I am kind of new to bioinformatics and I am trying to understand why I have been getting extremely different results when I trim my sequences to 20 bp vs when I use seed length of 20 on bowtie. (sorry if it is a stupid question, but I need to know)
My reads are 75 bp. If I remove adapter sequences and etc and run bowtie using -n 0 -l 20, I get only about 45% of reads aligning to my bacterial genome.
If I trim them all down to 20 bp and do the same thing, I get 75% of reads aligned.
I thought by limiting the seed to 20 bp, only the first 20 bp would be considered for the alignment with 0 mismatches. Shouldn't that give me a similar result to the trimmed ones? Or is the whole 75 bp considered despite the seed length?
You have the good understanding of the -n and -l options. However, this is not because a read meets the requirement "0 mismatch in the seed of 20 nucleotides" that the read will map!

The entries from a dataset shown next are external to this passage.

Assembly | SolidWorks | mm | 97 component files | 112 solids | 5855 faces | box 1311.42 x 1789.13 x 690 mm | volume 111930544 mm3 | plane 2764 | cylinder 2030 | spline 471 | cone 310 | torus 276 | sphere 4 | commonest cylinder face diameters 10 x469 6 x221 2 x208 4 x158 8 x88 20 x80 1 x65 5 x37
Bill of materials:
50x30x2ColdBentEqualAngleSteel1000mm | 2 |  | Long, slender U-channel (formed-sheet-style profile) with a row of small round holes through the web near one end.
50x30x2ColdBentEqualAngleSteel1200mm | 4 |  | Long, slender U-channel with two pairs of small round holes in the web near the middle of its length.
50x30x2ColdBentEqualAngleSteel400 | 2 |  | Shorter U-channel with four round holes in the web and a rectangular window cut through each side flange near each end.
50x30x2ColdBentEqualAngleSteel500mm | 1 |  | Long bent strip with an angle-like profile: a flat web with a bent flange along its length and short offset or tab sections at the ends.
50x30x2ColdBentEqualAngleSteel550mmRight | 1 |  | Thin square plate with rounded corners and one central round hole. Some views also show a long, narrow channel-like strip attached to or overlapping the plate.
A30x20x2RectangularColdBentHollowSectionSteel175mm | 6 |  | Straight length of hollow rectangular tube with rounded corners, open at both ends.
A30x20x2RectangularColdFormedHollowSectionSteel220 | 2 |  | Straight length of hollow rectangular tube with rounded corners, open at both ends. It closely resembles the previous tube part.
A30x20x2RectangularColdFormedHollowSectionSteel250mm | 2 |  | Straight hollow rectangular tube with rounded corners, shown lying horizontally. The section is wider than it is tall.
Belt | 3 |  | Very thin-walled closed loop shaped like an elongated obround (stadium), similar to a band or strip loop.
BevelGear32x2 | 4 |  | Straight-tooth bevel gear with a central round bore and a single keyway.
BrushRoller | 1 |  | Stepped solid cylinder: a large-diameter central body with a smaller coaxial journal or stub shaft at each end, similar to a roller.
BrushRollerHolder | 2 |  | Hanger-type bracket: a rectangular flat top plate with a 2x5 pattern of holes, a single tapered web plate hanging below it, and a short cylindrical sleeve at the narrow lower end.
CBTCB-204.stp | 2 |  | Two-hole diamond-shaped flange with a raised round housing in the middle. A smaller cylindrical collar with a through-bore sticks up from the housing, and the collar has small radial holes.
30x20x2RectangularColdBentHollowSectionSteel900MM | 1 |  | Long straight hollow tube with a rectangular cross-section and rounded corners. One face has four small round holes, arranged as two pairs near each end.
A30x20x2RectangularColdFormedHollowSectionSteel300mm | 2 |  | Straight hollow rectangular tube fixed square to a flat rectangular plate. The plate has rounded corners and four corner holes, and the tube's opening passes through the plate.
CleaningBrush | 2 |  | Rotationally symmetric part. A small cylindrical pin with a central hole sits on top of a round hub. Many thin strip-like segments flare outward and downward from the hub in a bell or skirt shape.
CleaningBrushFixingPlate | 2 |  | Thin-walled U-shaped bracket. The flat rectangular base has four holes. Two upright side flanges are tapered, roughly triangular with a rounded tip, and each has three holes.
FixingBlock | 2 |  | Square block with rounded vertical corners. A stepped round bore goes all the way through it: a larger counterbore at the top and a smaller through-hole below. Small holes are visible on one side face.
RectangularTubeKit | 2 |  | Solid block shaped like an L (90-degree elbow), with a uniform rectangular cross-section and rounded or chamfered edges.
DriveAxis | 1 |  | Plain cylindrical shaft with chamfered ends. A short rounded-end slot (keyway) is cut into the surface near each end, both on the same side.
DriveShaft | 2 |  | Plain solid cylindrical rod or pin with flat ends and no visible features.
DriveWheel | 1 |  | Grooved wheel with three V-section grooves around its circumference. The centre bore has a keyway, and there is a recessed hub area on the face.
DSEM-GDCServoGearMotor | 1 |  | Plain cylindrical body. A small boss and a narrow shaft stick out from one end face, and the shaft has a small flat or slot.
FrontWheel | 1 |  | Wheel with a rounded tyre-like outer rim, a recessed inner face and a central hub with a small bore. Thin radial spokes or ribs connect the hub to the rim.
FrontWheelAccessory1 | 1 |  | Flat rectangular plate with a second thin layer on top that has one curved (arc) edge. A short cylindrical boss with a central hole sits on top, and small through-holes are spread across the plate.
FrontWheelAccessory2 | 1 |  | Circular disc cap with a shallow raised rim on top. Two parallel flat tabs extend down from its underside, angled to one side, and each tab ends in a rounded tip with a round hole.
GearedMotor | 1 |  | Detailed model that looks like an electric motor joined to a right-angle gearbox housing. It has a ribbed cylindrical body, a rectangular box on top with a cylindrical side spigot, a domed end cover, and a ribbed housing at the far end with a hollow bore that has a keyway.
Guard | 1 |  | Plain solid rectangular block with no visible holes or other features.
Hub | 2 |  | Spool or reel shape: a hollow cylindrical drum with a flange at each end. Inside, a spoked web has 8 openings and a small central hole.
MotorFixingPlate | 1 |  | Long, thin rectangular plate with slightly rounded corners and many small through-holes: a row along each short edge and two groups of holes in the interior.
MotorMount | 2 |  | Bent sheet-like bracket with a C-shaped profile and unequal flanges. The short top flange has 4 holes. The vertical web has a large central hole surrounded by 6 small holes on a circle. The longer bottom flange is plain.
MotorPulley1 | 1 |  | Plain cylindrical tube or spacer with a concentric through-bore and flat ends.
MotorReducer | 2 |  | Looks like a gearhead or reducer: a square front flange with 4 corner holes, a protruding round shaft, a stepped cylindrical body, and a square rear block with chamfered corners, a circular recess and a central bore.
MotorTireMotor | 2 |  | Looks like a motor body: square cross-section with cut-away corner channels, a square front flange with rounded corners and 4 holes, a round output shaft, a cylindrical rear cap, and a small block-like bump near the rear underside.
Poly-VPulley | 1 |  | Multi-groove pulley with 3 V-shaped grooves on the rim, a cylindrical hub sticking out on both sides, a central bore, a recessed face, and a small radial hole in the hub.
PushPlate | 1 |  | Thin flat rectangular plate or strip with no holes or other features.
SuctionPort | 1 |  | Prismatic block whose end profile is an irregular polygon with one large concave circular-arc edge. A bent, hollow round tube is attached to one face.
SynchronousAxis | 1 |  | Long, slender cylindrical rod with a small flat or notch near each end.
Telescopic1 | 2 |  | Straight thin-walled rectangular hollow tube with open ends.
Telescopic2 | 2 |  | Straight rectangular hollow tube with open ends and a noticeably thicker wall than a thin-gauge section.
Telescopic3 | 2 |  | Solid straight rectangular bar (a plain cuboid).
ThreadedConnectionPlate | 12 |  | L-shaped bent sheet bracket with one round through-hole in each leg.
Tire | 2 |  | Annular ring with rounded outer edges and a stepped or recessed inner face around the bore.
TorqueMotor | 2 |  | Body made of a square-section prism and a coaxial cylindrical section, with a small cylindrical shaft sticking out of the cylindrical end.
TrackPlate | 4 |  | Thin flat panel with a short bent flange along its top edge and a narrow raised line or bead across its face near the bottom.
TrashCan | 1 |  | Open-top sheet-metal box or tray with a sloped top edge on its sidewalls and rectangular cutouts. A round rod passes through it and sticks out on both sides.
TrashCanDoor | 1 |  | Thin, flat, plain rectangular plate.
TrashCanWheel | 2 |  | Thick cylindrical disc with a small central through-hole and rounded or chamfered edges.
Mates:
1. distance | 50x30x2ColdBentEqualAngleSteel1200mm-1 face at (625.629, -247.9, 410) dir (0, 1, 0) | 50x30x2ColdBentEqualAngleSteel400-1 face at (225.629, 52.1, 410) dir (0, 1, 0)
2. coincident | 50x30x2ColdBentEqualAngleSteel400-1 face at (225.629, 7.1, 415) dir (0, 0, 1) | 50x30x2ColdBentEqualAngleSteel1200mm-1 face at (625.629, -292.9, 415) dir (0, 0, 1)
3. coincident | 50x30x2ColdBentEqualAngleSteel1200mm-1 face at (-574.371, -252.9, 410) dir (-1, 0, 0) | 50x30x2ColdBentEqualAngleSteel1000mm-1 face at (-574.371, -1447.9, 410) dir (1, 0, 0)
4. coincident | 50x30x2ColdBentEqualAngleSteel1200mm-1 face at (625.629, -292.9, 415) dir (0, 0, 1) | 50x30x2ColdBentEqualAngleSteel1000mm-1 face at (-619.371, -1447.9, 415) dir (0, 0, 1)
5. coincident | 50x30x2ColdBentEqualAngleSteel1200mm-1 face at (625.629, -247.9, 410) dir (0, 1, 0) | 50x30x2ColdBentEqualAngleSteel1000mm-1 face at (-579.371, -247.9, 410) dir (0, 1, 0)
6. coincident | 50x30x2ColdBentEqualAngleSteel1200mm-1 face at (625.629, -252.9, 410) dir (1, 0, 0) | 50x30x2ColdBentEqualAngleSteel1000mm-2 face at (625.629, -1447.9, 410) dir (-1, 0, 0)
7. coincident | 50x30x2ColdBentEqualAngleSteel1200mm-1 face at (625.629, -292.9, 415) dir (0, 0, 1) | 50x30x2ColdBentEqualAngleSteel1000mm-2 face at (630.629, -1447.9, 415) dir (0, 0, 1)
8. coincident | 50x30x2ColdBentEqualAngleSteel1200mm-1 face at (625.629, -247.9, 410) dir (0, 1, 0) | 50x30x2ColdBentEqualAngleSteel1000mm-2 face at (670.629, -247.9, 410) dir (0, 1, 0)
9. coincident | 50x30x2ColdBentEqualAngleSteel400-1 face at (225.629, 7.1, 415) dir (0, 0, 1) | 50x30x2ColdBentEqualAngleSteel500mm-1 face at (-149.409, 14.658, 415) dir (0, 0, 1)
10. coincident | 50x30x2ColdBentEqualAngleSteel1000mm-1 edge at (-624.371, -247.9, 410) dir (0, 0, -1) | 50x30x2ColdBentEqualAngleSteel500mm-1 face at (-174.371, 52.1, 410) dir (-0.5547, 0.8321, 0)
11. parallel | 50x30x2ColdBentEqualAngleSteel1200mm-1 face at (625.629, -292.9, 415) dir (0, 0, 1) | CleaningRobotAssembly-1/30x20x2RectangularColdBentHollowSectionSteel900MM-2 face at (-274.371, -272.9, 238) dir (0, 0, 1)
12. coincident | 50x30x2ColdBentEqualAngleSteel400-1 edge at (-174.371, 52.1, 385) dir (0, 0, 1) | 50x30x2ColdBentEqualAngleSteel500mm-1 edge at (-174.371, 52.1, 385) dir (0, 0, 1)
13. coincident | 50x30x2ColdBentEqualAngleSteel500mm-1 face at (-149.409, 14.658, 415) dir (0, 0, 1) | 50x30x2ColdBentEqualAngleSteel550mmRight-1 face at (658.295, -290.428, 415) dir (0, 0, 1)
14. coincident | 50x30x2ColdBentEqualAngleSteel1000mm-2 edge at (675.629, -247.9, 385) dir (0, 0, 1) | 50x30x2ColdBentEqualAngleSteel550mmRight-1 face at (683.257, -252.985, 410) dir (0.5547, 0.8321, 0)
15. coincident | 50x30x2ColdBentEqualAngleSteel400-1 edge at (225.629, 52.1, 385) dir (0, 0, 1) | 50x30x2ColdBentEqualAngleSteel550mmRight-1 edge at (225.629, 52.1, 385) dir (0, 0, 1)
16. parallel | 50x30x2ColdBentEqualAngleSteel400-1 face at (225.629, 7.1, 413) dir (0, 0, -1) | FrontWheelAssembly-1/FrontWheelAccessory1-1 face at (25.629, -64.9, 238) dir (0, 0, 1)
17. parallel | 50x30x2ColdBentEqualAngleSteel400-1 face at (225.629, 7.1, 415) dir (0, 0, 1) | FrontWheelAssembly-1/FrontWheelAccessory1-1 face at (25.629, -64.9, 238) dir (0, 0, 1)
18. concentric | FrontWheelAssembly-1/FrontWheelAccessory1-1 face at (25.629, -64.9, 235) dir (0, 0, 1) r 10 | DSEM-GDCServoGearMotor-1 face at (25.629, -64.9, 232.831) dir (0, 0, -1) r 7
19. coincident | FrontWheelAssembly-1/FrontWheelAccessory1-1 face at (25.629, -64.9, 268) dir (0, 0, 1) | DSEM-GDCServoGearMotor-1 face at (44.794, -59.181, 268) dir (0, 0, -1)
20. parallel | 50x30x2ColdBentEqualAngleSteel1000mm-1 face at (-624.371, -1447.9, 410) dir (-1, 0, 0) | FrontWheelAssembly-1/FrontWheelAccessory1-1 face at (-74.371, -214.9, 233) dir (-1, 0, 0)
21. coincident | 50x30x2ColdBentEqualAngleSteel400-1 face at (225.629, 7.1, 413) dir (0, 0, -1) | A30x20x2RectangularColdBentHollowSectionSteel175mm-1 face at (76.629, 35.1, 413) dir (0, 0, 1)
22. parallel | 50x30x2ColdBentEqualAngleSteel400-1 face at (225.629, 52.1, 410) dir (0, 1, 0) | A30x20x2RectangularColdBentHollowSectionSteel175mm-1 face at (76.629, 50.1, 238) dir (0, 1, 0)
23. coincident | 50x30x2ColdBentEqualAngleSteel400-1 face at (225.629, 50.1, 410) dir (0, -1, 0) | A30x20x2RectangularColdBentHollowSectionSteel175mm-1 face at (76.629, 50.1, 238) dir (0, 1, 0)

So, even if the first 20 nucleotides align perfectly, it does not mean that the 40 following nucleotides are good. ;)
read = ATGCAATT GCATGGACATCGA
ref = ATGCAATT AATTAAGGCCAATT
The read will not match even if you use the options -l 8 -n 0.
That is the reason why you don't have the same results with your trimmed reads.
To deal with this, you can try the -v option. Which allow you to set a number of mismatch over all the read (-l is ignored).
the seed length is just a 'seed' or starting point for the alignment.